Validation Studies and Preanalytical Factors
In veterinary and human medicine, validation studies have been conducted to better characterize and define preanalytical and analytic factors that affect TEG variables.12–14,17,38–41 As with most hemostatic assays, preanalytical factors, including the delay between blood collection and analysis and the sample temperature, are important in TEG analysis. Blood for TEG analysis should be collected using a standardized protocol to minimize preanalytical variation. In several studies, a clinically acceptable intraassay coefficient of variation (CV) for the various Haemoscope TEG variables in dogs has been reported and varies from 3% to 18% depending on the variable.12,17 Storage of blood for 120 minutes may result in a mild but significant trend toward a tracing that indicates hypercoagulability.17,41 In horses, acceptable intraassay CVs of 1–12%, depending on the variable, were found when using both the Haemoscope TEG and ROTEM analyzers,13,14,16 although effects on results were noted as soon as 60 minutes after blood collection in one study.14 Blood samples refrigerated at 4°C had decreased α angle and prolonged CT but also increased MCF, changes that are consistent both with hypocoagulability and hypercoagulability, respectively.16 These findings are consistent with those noted in human medicine. In human medical practice, 120 minutes is an acceptable period of time between blood collection and TEG analysis with all variables having clinically acceptable CVs using various activators.38–40 Variability in TEG results has also been attributed to differences between analyzers and operators.13,38 These data indicate that TEG is valid for clinical use in dogs, horses, and cats although special attention should be given to minimize preanalytical factors, such as traumatic venipuncture, increased storage time, aberrant temperature, and in vitro hemolysis, as possible sources of error.
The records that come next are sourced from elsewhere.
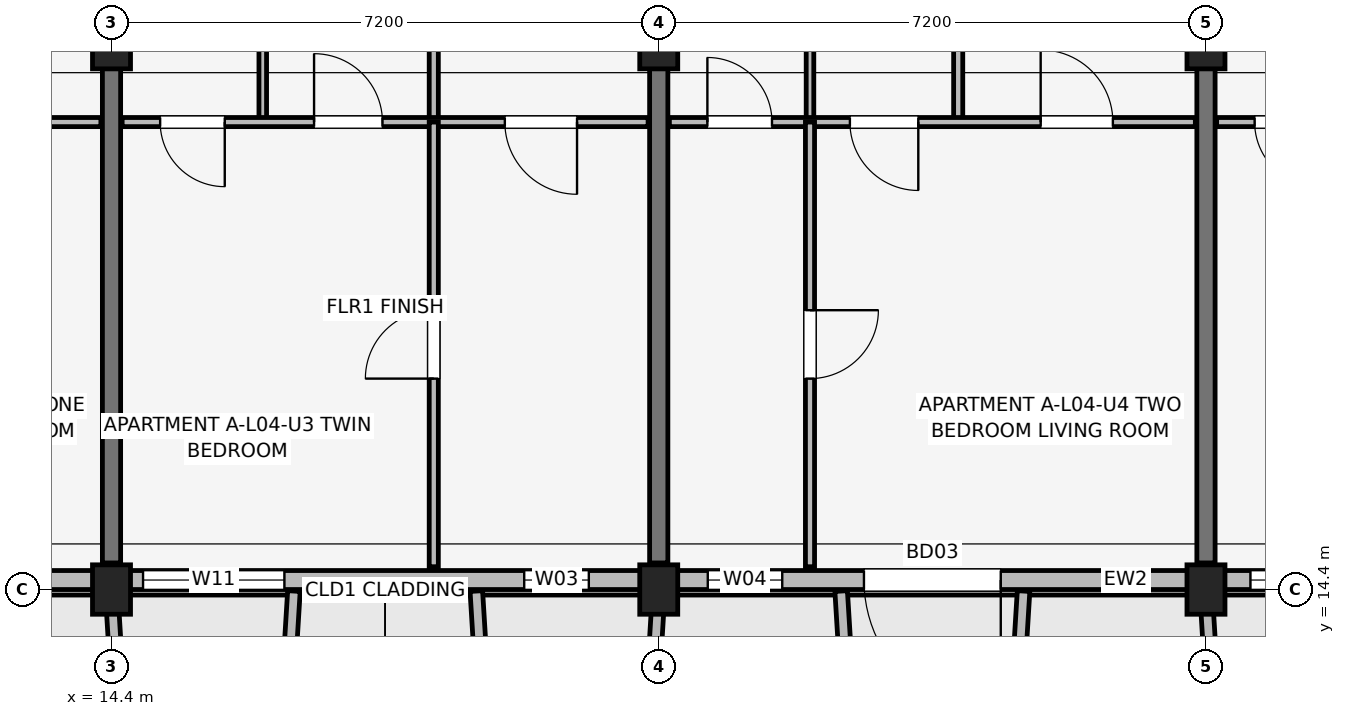
"""IFC4 building model, lengths in metres.
Left out: names, types, materials, properties, quantities, classifications, styles, units other than length and angle.
Written with IfcOpenShell. Run it as: python <this file> out.ifc"""

import sys

from ifc_helpers import new_model, si_unit, direction, frame, frame_2d, origin, origin_2d, place, context, subcontext, project, spatial, rectangle, extrude, element, fill, save


model = new_model("IFC4")
c1 = context("Model", 3, precision=1e-05, world=origin(), true_north=direction((0.0, 1.0)))
c2 = subcontext(c1, "Body", "Model", "MODEL_VIEW")
j1 = project(units=[si_unit("LENGTHUNIT", "METRE"), si_unit("PLANEANGLEUNIT", "RADIAN")], contexts=[c1])
p1 = place(None, origin())
s1 = spatial("IfcSite", under=j1, at=p1, CompositionType="ELEMENT")
p2 = place(p1, origin())
s2 = spatial("IfcBuilding", under=s1, at=p2, CompositionType="ELEMENT")
p3 = place(p2, frame((0.0, 0.0, 15.0)))
s3 = spatial("IfcBuildingStorey", under=s2, at=p3, CompositionType="ELEMENT", Elevation=15.0)
p4 = place(p3, frame((14.4, 14.4, 0.0), z_axis=(0.0, 0.0, 1.0), x_axis=(1.0, 0.0, 0.0)))
e1 = element("IfcColumn", 1, at=p4, inside=s3, PredefinedType="COLUMN", context=c2, shape_type="SweptSolid", body=[
    extrude(rectangle(XDim=0.5, YDim=0.65, at=origin_2d()), origin(), (0.0, 0.0, 1.0), 3.15),
])
p5 = place(p3, frame((14.4, 21.6, 0.0), z_axis=(0.0, 0.0, 1.0), x_axis=(1.0, 0.0, 0.0)))
e2 = element("IfcColumn", 2, at=p5, inside=s3, PredefinedType="COLUMN", context=c2, shape_type="SweptSolid", body=[
    extrude(rectangle(XDim=0.5, YDim=0.7, at=origin_2d()), origin(), (0.0, 0.0, 1.0), 3.15),
])
p6 = place(p3, frame((21.6, 14.4, 0.0), z_axis=(0.0, 0.0, 1.0), x_axis=(1.0, 0.0, 0.0)))
e3 = element("IfcColumn", 3, at=p6, inside=s3, PredefinedType="COLUMN", context=c2, shape_type="SweptSolid", body=[
    extrude(rectangle(XDim=0.5, YDim=0.65, at=origin_2d()), origin(), (0.0, 0.0, 1.0), 3.15),
])
p7 = place(p3, frame((21.6, 21.6, 0.0), z_axis=(0.0, 0.0, 1.0), x_axis=(1.0, 0.0, 0.0)))
e4 = element("IfcColumn", 4, at=p7, inside=s3, PredefinedType="COLUMN", context=c2, shape_type="SweptSolid", body=[
    extrude(rectangle(XDim=0.5, YDim=0.7, at=origin_2d()), origin(), (0.0, 0.0, 1.0), 3.15),
])
p8 = place(p3, frame((28.8, 14.4, 0.0), z_axis=(0.0, 0.0, 1.0), x_axis=(1.0, 0.0, 0.0)))
e5 = element("IfcColumn", 5, at=p8, inside=s3, PredefinedType="COLUMN", context=c2, shape_type="SweptSolid", body=[
    extrude(rectangle(XDim=0.5, YDim=0.65, at=origin_2d()), origin(), (0.0, 0.0, 1.0), 3.15),
])
p9 = place(p3, frame((28.8, 21.6, 0.0), z_axis=(0.0, 0.0, 1.0), x_axis=(1.0, 0.0, 0.0)))
e6 = element("IfcColumn", 6, at=p9, inside=s3, PredefinedType="COLUMN", context=c2, shape_type="SweptSolid", body=[
    extrude(rectangle(XDim=0.5, YDim=0.7, at=origin_2d()), origin(), (0.0, 0.0, 1.0), 3.15),
])
for number, where, z_axis, x_axis in (
    (7, (14.4, 14.75, 0.0), (0.0, 0.0, 1.0), (0.0, 1.0, 0.0)),
    (8, (21.6, 14.75, 0.0), (0.0, 0.0, 1.0), (0.0, 1.0, 0.0)),
    (9, (28.8, 14.75, 0.0), (0.0, 0.0, 1.0), (0.0, 1.0, 0.0)),
):
    element("IfcWall", number, at=place(p3, frame(where, z_axis=z_axis, x_axis=x_axis)), inside=s3, PredefinedType="SHEAR", context=c2, shape_type="SweptSolid", body=[
        extrude(rectangle(XDim=9.4, YDim=0.24, at=frame_2d((4.7, 0.0))), origin(), (0.0, 0.0, 1.0), 3.15),
    ])
p10 = place(p3, frame((3.4, 14.525, 0.0), z_axis=(0.0, 0.0, 1.0), x_axis=(1.0, 0.0, 0.0)))
e10 = element("IfcWall", 10, at=p10, inside=s3, PredefinedType="SOLIDWALL", context=c2, shape_type="SweptSolid", body=[
    extrude(rectangle(XDim=29.2, YDim=0.25, at=frame_2d((14.6, 0.0))), origin(), (0.0, 0.0, 1.0), 2.43),
])
p11 = place(p10, frame((8.15, 0.0, 0.0), z_axis=(0.0, 0.0, 1.0), x_axis=(-1.0, 0.0, 0.0)))
e11 = element("IfcOpeningElement", 11, at=p11, cuts=e10, PredefinedType="OPENING", context=c2, shape_type="SweptSolid", body=[
    extrude(rectangle(XDim=1.5, YDim=2.15, at=frame_2d((0.75, 1.075))), frame((0.0, 0.135, 0.0), z_axis=(0.0, -1.0, 0.0), x_axis=(1.0, 0.0, 0.0)), (0.0, 0.0, 1.0), 0.27),
])
p12 = place(p10, frame((22.7, 0.0, 0.0), z_axis=(0.0, 0.0, 1.0), x_axis=(-1.0, 0.0, 0.0)))
e12 = element("IfcOpeningElement", 12, at=p12, cuts=e10, PredefinedType="OPENING", context=c2, shape_type="SweptSolid", body=[
    extrude(rectangle(XDim=1.8, YDim=2.15, at=frame_2d((0.9, 1.075))), frame((0.0, 0.135, 0.0), z_axis=(0.0, -1.0, 0.0), x_axis=(1.0, 0.0, 0.0)), (0.0, 0.0, 1.0), 0.27),
])
p13 = place(p10, frame((2.155, 0.0, 0.75)))
e13 = element("IfcOpeningElement", 13, at=p13, cuts=e10, PredefinedType="OPENING", context=c2, shape_type="SweptSolid", body=[
    extrude(rectangle(XDim=1.22, YDim=1.5, at=frame_2d((0.61, 0.75))), frame((0.0, 0.135, 0.0), z_axis=(0.0, -1.0, 0.0), x_axis=(1.0, 0.0, 0.0)), (0.0, 0.0, 1.0), 0.27),
])
p14 = place(p10, frame((4.635, 0.0, 0.75)))
e14 = element("IfcOpeningElement", 14, at=p14, cuts=e10, PredefinedType="OPENING", context=c2, shape_type="SweptSolid", body=[
    extrude(rectangle(XDim=0.6, YDim=1.25, at=frame_2d((0.3, 0.625))), frame((0.0, 0.135, 0.0), z_axis=(0.0, -1.0, 0.0), x_axis=(1.0, 0.0, 0.0)), (0.0, 0.0, 1.0), 0.27),
])
p15 = place(p10, frame((11.415, 0.0, 0.7)))
e15 = element("IfcOpeningElement", 15, at=p15, cuts=e10, PredefinedType="OPENING", context=c2, shape_type="SweptSolid", body=[
    extrude(rectangle(XDim=1.86, YDim=1.6, at=frame_2d((0.93, 0.8))), frame((0.0, 0.135, 0.0), z_axis=(0.0, -1.0, 0.0), x_axis=(1.0, 0.0, 0.0)), (0.0, 0.0, 1.0), 0.27),
])
p16 = place(p10, frame((16.43, 0.0, 0.75)))
e16 = element("IfcOpeningElement", 16, at=p16, cuts=e10, PredefinedType="OPENING", context=c2, shape_type="SweptSolid", body=[
    extrude(rectangle(XDim=0.85, YDim=1.4, at=frame_2d((0.425, 0.7))), frame((0.0, 0.135, 0.0), z_axis=(0.0, -1.0, 0.0), x_axis=(1.0, 0.0, 0.0)), (0.0, 0.0, 1.0), 0.27),
])
p17 = place(p10, frame((18.845, 0.0, 0.75)))
e17 = element("IfcOpeningElement", 17, at=p17, cuts=e10, PredefinedType="OPENING", context=c2, shape_type="SweptSolid", body=[
    extrude(rectangle(XDim=0.98, YDim=1.45, at=frame_2d((0.49, 0.725))), frame((0.0, 0.135, 0.0), z_axis=(0.0, -1.0, 0.0), x_axis=(1.0, 0.0, 0.0)), (0.0, 0.0, 1.0), 0.27),
])
p18 = place(p10, frame((25.985, 0.0, 0.75)))
e18 = element("IfcOpeningElement", 18, at=p18, cuts=e10, PredefinedType="OPENING", context=c2, shape_type="SweptSolid", body=[
    extrude(rectangle(XDim=1.1, YDim=1.5, at=frame_2d((0.55, 0.75))), frame((0.0, 0.135, 0.0), z_axis=(0.0, -1.0, 0.0), x_axis=(1.0, 0.0, 0.0)), (0.0, 0.0, 1.0), 0.27),
])
p19 = place(p3, frame((14.4, 14.38, 0.0), z_axis=(0.0, 0.0, 1.0), x_axis=(0.061170732449, -0.998127317276, 0.0)))
e19 = element("IfcWall", 19, at=p19, inside=s3, PredefinedType="ELEMENTEDWALL", context=c2, shape_type="SweptSolid", body=[
    extrude(rectangle(XDim=1.964, YDim=0.165, at=frame_2d((0.982, 0.0))), origin(), (0.0, 0.0, 1.0), 2.95),
])
for number, where, z_axis, x_axis in (
    (20, (16.8, 14.38, 0.0), (0.0, 0.0, 1.0), (-0.061, -0.998, 0.0)),
    (21, (19.2, 14.38, 0.0), (0.0, 0.0, 1.0), (0.061, -0.998, 0.0)),
):
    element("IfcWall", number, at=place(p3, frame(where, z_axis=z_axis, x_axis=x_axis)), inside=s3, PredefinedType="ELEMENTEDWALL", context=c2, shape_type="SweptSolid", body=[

In addition to preanalytical factors, red cell mass correlates with various TEG variables. Evidence suggests there is an inverse linear correlation between hematocrit and G/MA and α angle in people and various animal species.16,20,42–46 Whether decreased red cell mass truly reflects in vivo hypercoagulability is subject to debate.43,44,46,47 In people and dogs, decreased and increased hematocrit has been associated with hypercoagulability and hypocoagulability, respectively, in vivo.16,20,42–46 Isolated reduction of hematocrit, in people, with no change in platelet concentration, coagulation factor concentration, or anticoagulant concentration accelerated blood coagulation, as demonstrated with celite-activated samples using the Haemoscope TEG and ROTEM.44,46 Moreover, people with iron deficiency anemia and splenectomized thalassemic individuals had ROTEM tracings that were consistent with hypercoagulability.43,44 However, a separate measure of hypercoagulability, the endogenous thrombin potential test, failed to provide supporting results.43,44 Some authors have interpreted these data to suggest that decreased red cell density will result in an artifact in tracings that suggests hypercoagulability. However, others have argued that given the increased risk for thrombosis in thalassemic patients and the lack of increased potential for thrombin generation, the ROTEM may be superior to the plasma-based endogenous thrombin potential assay in detecting hypercoagulability that precedes thrombosis. In animals, increased hematocrit was associated with TEG variables indicative of hypocoagulability in Greyhound dogs and in transgenic mice with marked erythrocytosis.42,45 In both studies, TEG tracings that indicated hypocoagulability were associated with hypocoagulable phenotypes, ie, an increased bleeding tendency. However, when the murine blood was diluted in vitro with maintenance of the platelet count, the TEG tracing normalized.45 Induction of moderate-to-severe in vitro hemolysis in canine and equine citrated blood samples resulted in significantly decreased G and MA values, consistent with hypocoagulability.16,48 This was attributed to in vitro platelet activation with resultant hyporeactive platelets contributing to decreased clot strength.48
Clinical Applications in Veterinary Medicine
TEG has been studied in various clinical settings, mostly in dogs. Although recently validated for use in horses and cats, clinical studies have yet to be published outlining the clinical utility of TEG in these species. However, published abstracts suggest that the clinical use of TEG is being focused on critically ill foals and horses with colic.49–51 There are sporadic reports of evaluation of coagulation in cattle, pigs, sheep, guinea pigs, rats, and various species of fish using TEG,52–59 but, to date there are no widely accepted guidelines to direct appropriate clinical use or interpretation of TEG tracings in these species.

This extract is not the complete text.